Thanks @rikhuijzer for looking into this.

It looks like this would result in a nested @threads call.

So, does this also apply to the existing implementation added in https://github.com/JuliaAI/DecisionTree.jl/pull/188/files that therefore needs attention?

I also notice that the existing implementation is buy-in (use_multithreading=false is the default) whereas the present addition is buy-out.

rikhuijzer commented 1 year ago

So, does this also apply to the existing implementation added in https://github.com/JuliaAI/DecisionTree.jl/pull/188/files that therefore needs attention?

Maybe that explains https://github.com/JuliaAI/DecisionTree.jl/pull/188#issuecomment-1202086361. I'm afraid, I don't know and also I never need multithreading so I'm not the right person to ask unfortunately.

Maybe figuring out the right multithreading for this package is something you would like, @ExpandingMan?
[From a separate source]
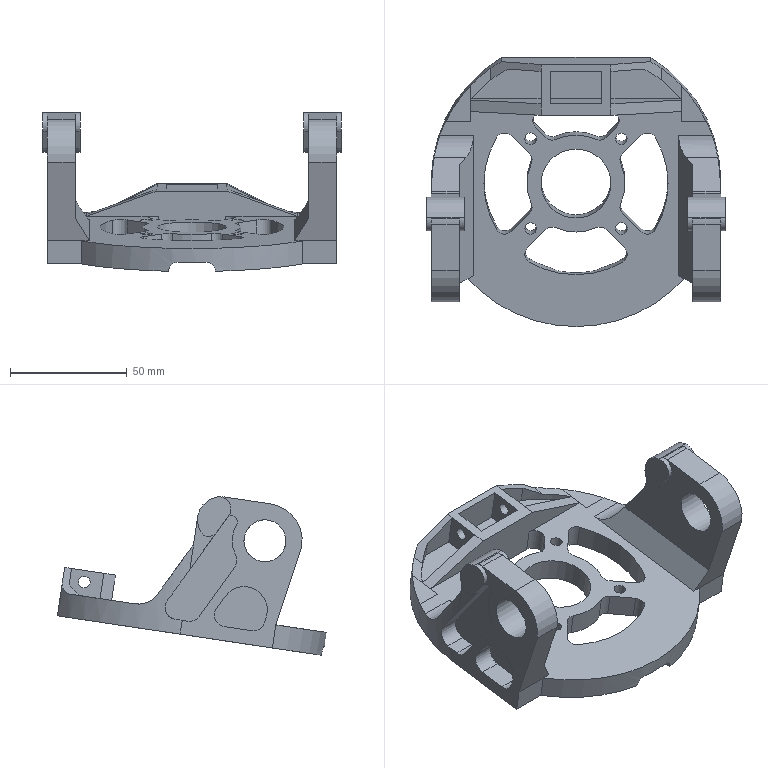Component | NX | ROTOR_BASE | 1 solid | 150 faces | volume 128746 mm3 | plane 79 | cylinder 71 | commonest cylinder face diameters 8 x18 10 x10 5 x8 20 x4 42 x4 8.063 x4 79 x3 124 x3

ablaom commented 1 year ago

@OkonSamuel Do you see obvious issues with the way multithreading is currently implemented in prediction? It's here: https://github.com/JuliaAI/DecisionTree.jl/blob/f57a15633f5aadadfc408a8d5e42836e1f011c3f/src/classification/main.jl#L468

ablaom commented 1 year ago

@rikhuijzer I don't believe nested multithreading is an issue. This has been tested before in MLJTuning where optimization multithreading has within it resampling multithreading. My interpretation of the 1.9 changes cited is only that nested threading will typically be more efficient with new default settings for the scheduler.

I don't see anything obvious wrong about the proposed implementation (or the existing one), provided user must buy-in, but will wait for the pinged experts to hopefully weigh in.